5.1.3 Age of the child

To date, there are no defensible estimates of the impact of relocation based on the children’s age. It is important, however, to consider each individual child’s development, temperament, resiliency and social networks.

5.1.4 Post relocation custody and access arrangements

There has been little systematic follow-up of the potential negative or positive consequences of relocation on children. Retrospective accounts provide some indication of the potential consequences but these are plagued by bias and errors in attribution. Findings are mixed about whether any effects of relocation are longstanding and it seems related to variables uncontrolled in the current evidence.

5.1.5 Children’s views

There is a lack of attention in the literature regarding children’s views and preferences about relocation. More attention regarding the views and perspectives of children is needed to help inform practice and policy decisions. With the focus on confidentiality and anonymity, social science research involving children’s views (e.g. surveys, interviews) provides a unique opportunity to listening to children’s thoughts and feelings without further involving them in the conflict between their parents.

5.1.6 Outcomes of relocation

The problem with assessing the outcomes of relocation is that the data used to test these multivariate models have all been derived from cross-sectional studies that are unable to assess the directionality of effects. Only longitudinal studies can ensure that independent variables precede dependent variables in time in order to assert causal direction. As a result, the mixed results about the outcomes of relocation points to the variability of outcomes across families and that each situation should be considered individually rather than making broad generalizations.

5.1.7 Treatment/Intervention

No studies were located to examine the potential benefits of treatment and interventions to support parent-child relationships during and after relocation.

5.2 Conclusion

The negative impact of divorce on children is well documented in the research, as are the protective factors that mitigate the negative impact that divorce and separation can have on children (Austin, 2012, Bala & Harris, 2006, Glennon, 2008, and Wallerstein & Tanke, 1996). What is less clear is how this research applies to relocation. Wallerstein & Tanke (1996) note that relocation for a child who has already experienced the divorce of their parents can represent yet another incident of trauma, while other research identifies the correlation between the well being of the custodial parent and the well-being of the child (Gelnnon, 2008).
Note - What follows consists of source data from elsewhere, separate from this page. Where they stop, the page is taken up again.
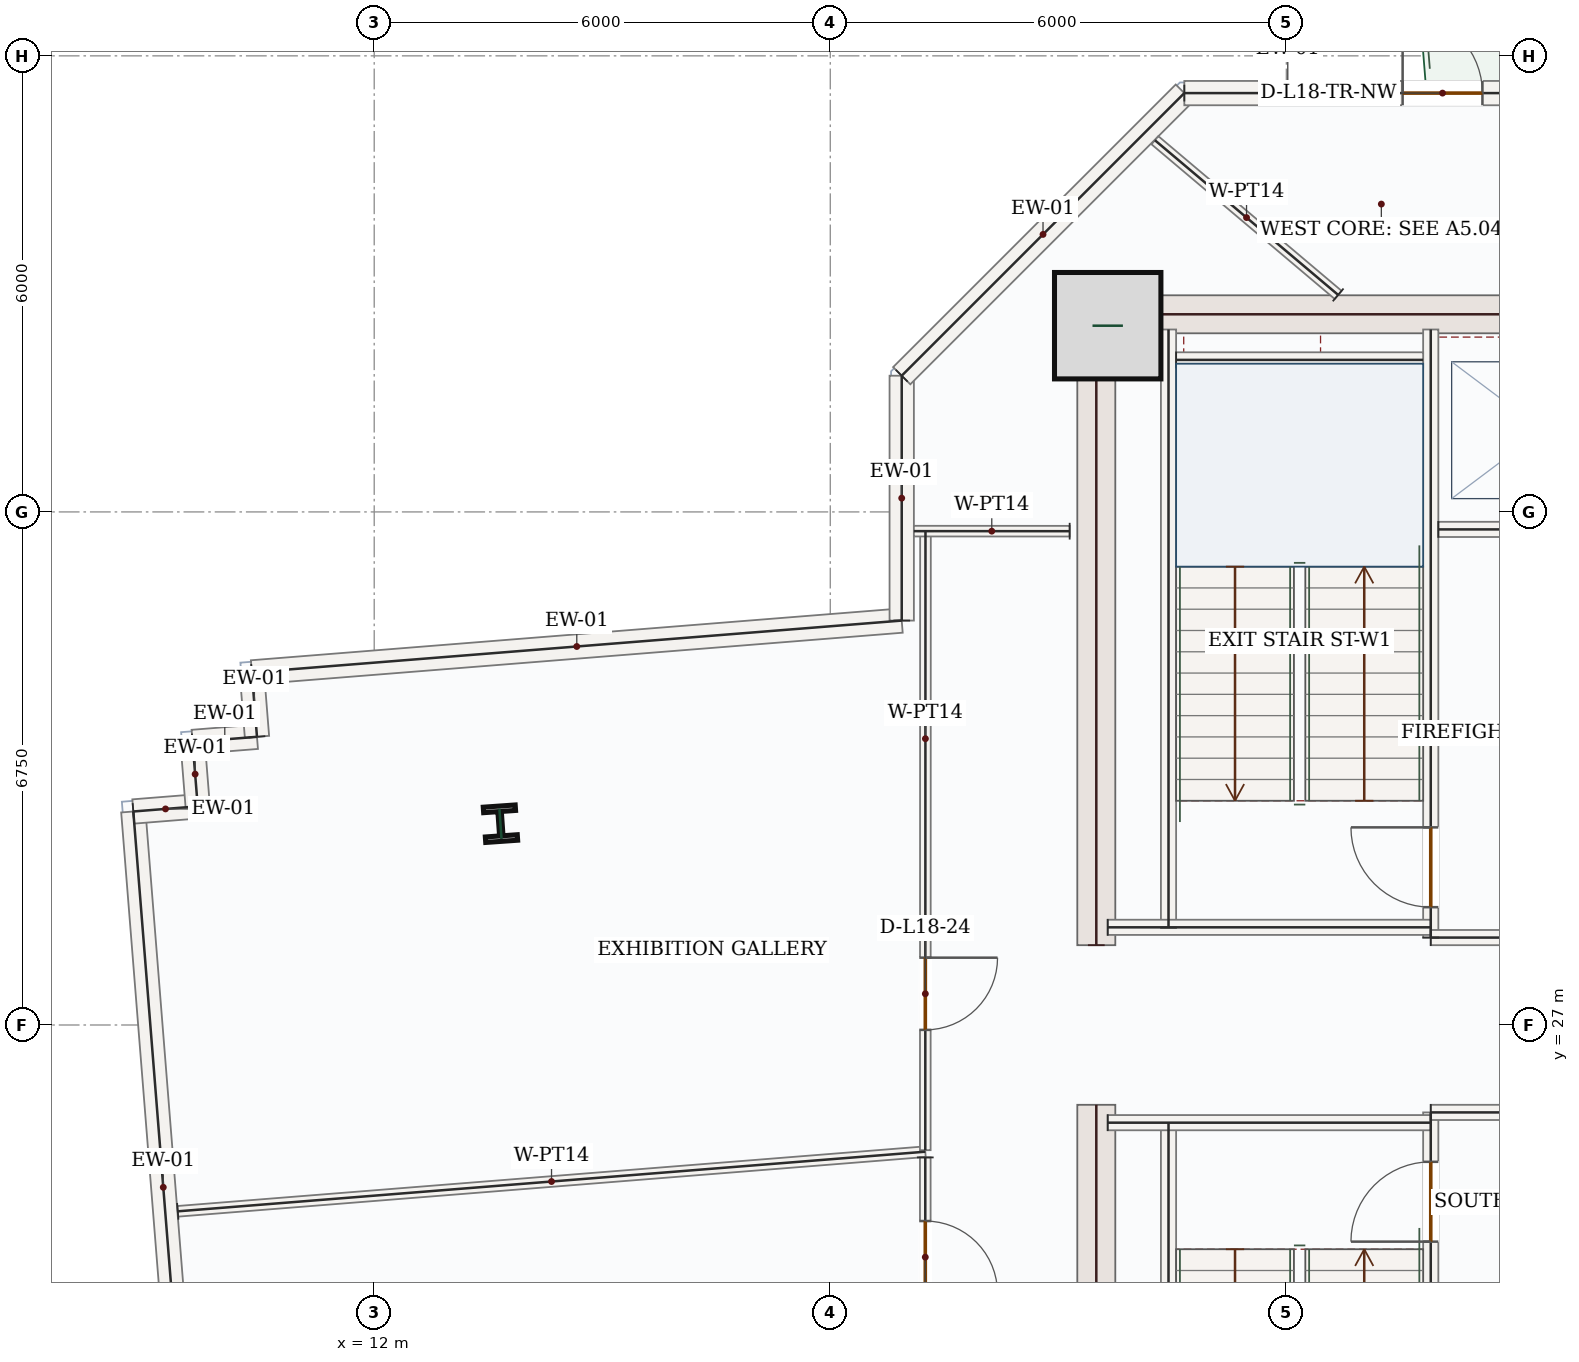
"""IFC4 building model, lengths in metres.
Left out: names, types, materials, properties, quantities, classifications, styles, units other than length and angle.
Written with IfcOpenShell. Run it as: python <this file> out.ifc"""

import sys

from ifc_helpers import new_model, si_unit, direction, frame, frame_2d, origin, origin_2d, place, context, subcontext, project, spatial, rectangle, i_section, extrude, source, transform, mapped, element, fill, save


model = new_model("IFC4")
c1 = context("Model", 3, precision=1e-05, world=origin(), true_north=direction((0.0, 1.0)))
c2 = subcontext(c1, "Body", "Model", "MODEL_VIEW")
j1 = project(units=[si_unit("LENGTHUNIT", "METRE"), si_unit("PLANEANGLEUNIT", "RADIAN")], contexts=[c1])
p1 = place(None, origin())
s1 = spatial("IfcSite", under=j1, at=p1, CompositionType="ELEMENT")
p2 = place(p1, origin())
s2 = spatial("IfcBuilding", under=s1, at=p2, CompositionType="ELEMENT")
p3 = place(p2, frame((0.0, 0.0, 83.7)))
s3 = spatial("IfcBuildingStorey", under=s2, at=p3, CompositionType="ELEMENT", Elevation=83.7)
m1 = source(origin(), c2, "Body", "SweptSolid", [
    extrude(rectangle(XDim=8.55, YDim=0.5, at=frame_2d((4.275, 0.0))), origin(), (0.0, 0.0, 1.0), 3.95),
])
for number, where, z_axis, x_axis in (
    (1, (21.5, 17.4, 0.0), (0.0, 0.0, 1.0), (0.0, 1.0, 0.0)),
    (2, (21.5, 28.05, 0.0), (0.0, 0.0, 1.0), (0.0, 1.0, 0.0)),
):
    element("IfcWall", number, at=place(p3, frame(where, z_axis=z_axis, x_axis=x_axis)), inside=s3, PredefinedType="SHEAR", context=c2, shape_type="MappedRepresentation", body=[
        mapped(m1, transform((0.0, 0.0, 0.0), x_axis=(1.0, 0.0, 0.0), y_axis=(0.0, 1.0, 0.0), z_axis=(0.0, 0.0, 1.0), scale=1.0)),
    ])
m2 = source(origin(), c2, "Body", "SweptSolid", [
    extrude(rectangle(XDim=7.0, YDim=0.5, at=frame_2d((3.5, 0.0))), origin(), (0.0, 0.0, 1.0), 3.95),
])
p4 = place(p3, frame((21.75, 36.35, 0.0), z_axis=(0.0, 0.0, 1.0), x_axis=(1.0, 0.0, 0.0)))
e3 = element("IfcWall", 3, at=p4, inside=s3, PredefinedType="SHEAR", context=c2, shape_type="MappedRepresentation", body=[
    mapped(m2, transform((0.0, 0.0, 0.0), x_axis=(1.0, 0.0, 0.0), y_axis=(0.0, 1.0, 0.0), z_axis=(0.0, 0.0, 1.0), scale=1.0)),
])
m3 = source(origin(), c2, "Body", "SweptSolid", [
    extrude(rectangle(XDim=1.4, YDim=1.4, at=origin_2d()), origin(), (0.0, 0.0, 1.0), 4.2),
])
p5 = place(p3, frame((21.65, 36.2, 0.0), z_axis=(0.0, 0.0, 1.0), x_axis=(1.0, 0.0, 0.0)))
e4 = element("IfcColumn", 4, at=p5, inside=s3, PredefinedType="COLUMN", context=c2, shape_type="MappedRepresentation", body=[
    mapped(m3, transform((0.0, 0.0, 0.0), x_axis=(1.0, 0.0, 0.0), y_axis=(0.0, 1.0, 0.0), z_axis=(0.0, 0.0, 1.0), scale=1.0)),
])
m4 = source(origin(), c2, "Body", "SweptSolid", [
    extrude(i_section(OverallWidth=0.421, OverallDepth=0.465, WebThickness=0.045, FlangeThickness=0.073, FilletRadius=0.018, at=origin_2d()), origin(), (0.0, 0.0, 1.0), 4.2),
])
p6 = place(p3, frame((13.661, 29.648, 0.0), z_axis=(0.0, 0.0, 1.0), x_axis=(0.99756405026, 0.069756473744, 0.0)))
e5 = element("IfcColumn", 5, at=p6, inside=s3, PredefinedType="COLUMN", context=c2, shape_type="MappedRepresentation", body=[
    mapped(m4, transform((0.0, 0.0, 0.0), x_axis=(1.0, 0.0, 0.0), y_axis=(0.0, 1.0, 0.0), z_axis=(0.0, 0.0, 1.0), scale=1.0)),
])
m5 = source(origin(), c2, "Body", "SweptSolid", [
    extrude(rectangle(XDim=9.92, YDim=0.32, at=frame_2d((4.96, 0.0))), origin(), (0.0, 0.0, 1.0), 3.95),
])
p7 = place(p3, frame((9.619, 19.92, 0.0), z_axis=(0.0, 0.0, 1.0), x_axis=(-0.07949480177, 0.996835280521, 0.0)))
e6 = element("IfcWall", 6, at=p7, inside=s3, PredefinedType="SOLIDWALL", context=c2, shape_type="MappedRepresentation", body=[
    mapped(m5, transform((0.0, 0.0, 0.0), x_axis=(1.0, 0.0, 0.0), y_axis=(0.0, 1.0, 0.0), z_axis=(0.0, 0.0, 1.0), scale=1.0)),
])
m6 = source(origin(), c2, "Body", "SweptSolid", [
    extrude(rectangle(XDim=0.85, YDim=0.32, at=frame_2d((0.425, 0.0))), origin(), (0.0, 0.0, 1.0), 3.95),
])
p8 = place(p3, frame((8.831, 29.809, 0.0), z_axis=(0.0, 0.0, 1.0), x_axis=(0.996828965123, 0.079573954853, 0.0)))
e7 = element("IfcWall", 7, at=p8, inside=s3, PredefinedType="SOLIDWALL", context=c2, shape_type="MappedRepresentation", body=[
    mapped(m6, transform((0.0, 0.0, 0.0), x_axis=(1.0, 0.0, 0.0), y_axis=(0.0, 1.0, 0.0), z_axis=(0.0, 0.0, 1.0), scale=1.0)),
])
m7 = source(origin(), c2, "Body", "SweptSolid", [
    extrude(rectangle(XDim=0.85, YDim=0.32, at=frame_2d((0.425, 0.0))), origin(), (0.0, 0.0, 1.0), 3.95),
])
for number, where, z_axis, x_axis in (
    (8, (9.678, 29.876, 0.0), (0.0, 0.0, 1.0), (-0.08, 0.997, 0.0)),
    (9, (9.61, 30.724, 0.0), (0.0, 0.0, 1.0), (0.997, 0.079, 0.0)),
    (10, (10.458, 30.791, 0.0), (0.0, 0.0, 1.0), (-0.08, 0.997, 0.0)),
):
    element("IfcWall", number, at=place(p3, frame(where, z_axis=z_axis, x_axis=x_axis)), inside=s3, PredefinedType="SOLIDWALL", context=c2, shape_type="MappedRepresentation", body=[
        mapped(m7, transform((0.0, 0.0, 0.0), x_axis=(1.0, 0.0, 0.0), y_axis=(0.0, 1.0, 0.0), z_axis=(0.0, 0.0, 1.0), scale=1.0)),
    ])
m8 = source(origin(), c2, "Body", "SweptSolid", [
    extrude(rectangle(XDim=8.577, YDim=0.32, at=frame_2d((4.289, 0.0))), origin(), (0.0, 0.0, 1.0), 3.95),
])
p9 = place(p3, frame((10.39, 31.639, 0.0), z_axis=(0.0, 0.0, 1.0), x_axis=(0.996834708052, 0.07950198, 0.0)))
e11 = element("IfcWall", 11, at=p9, inside=s3, PredefinedType="SOLIDWALL", context=c2, shape_type="MappedRepresentation", body=[
    mapped(m8, transform((0.0, 0.0, 0.0), x_axis=(1.0, 0.0, 0.0), y_axis=(0.0, 1.0, 0.0), z_axis=(0.0, 0.0, 1.0), scale=1.0)),
])
m9 = source(origin(), c2, "Body", "SweptSolid", [
    extrude(rectangle(XDim=3.221, YDim=0.32, at=frame_2d((1.611, 0.0))), origin(), (0.0, 0.0, 1.0), 3.95),
])
p10 = place(p3, frame((18.94, 32.321, 0.0), z_axis=(0.0, 0.0, 1.0), x_axis=(0.0, 1.0, 0.0)))
e12 = element("IfcWall", 12, at=p10, inside=s3, PredefinedType="SOLIDWALL", context=c2, shape_type="MappedRepresentation", body=[
    mapped(m9, transform((0.0, 0.0, 0.0), x_axis=(1.0, 0.0, 0.0), y_axis=(0.0, 1.0, 0.0), z_axis=(0.0, 0.0, 1.0), scale=1.0)),
])
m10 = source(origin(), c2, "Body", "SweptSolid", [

Methodological issues in relocation research have also contributed to the contrasting and un-clear findings on relocation. Different definitions of ‘moving’, different outcome variables, different ways of measuring each outcome variable, and different ages of children studied has impacted the ability of professionals to draw clear findings and implications from the relocation research (McLeod, 2006). Unfortunately there is surprisingly little empirical research evidence about relocation disputes and the impact they have on family members to assist the courts with this task (Braver, Ellman & Fabricius, 2003).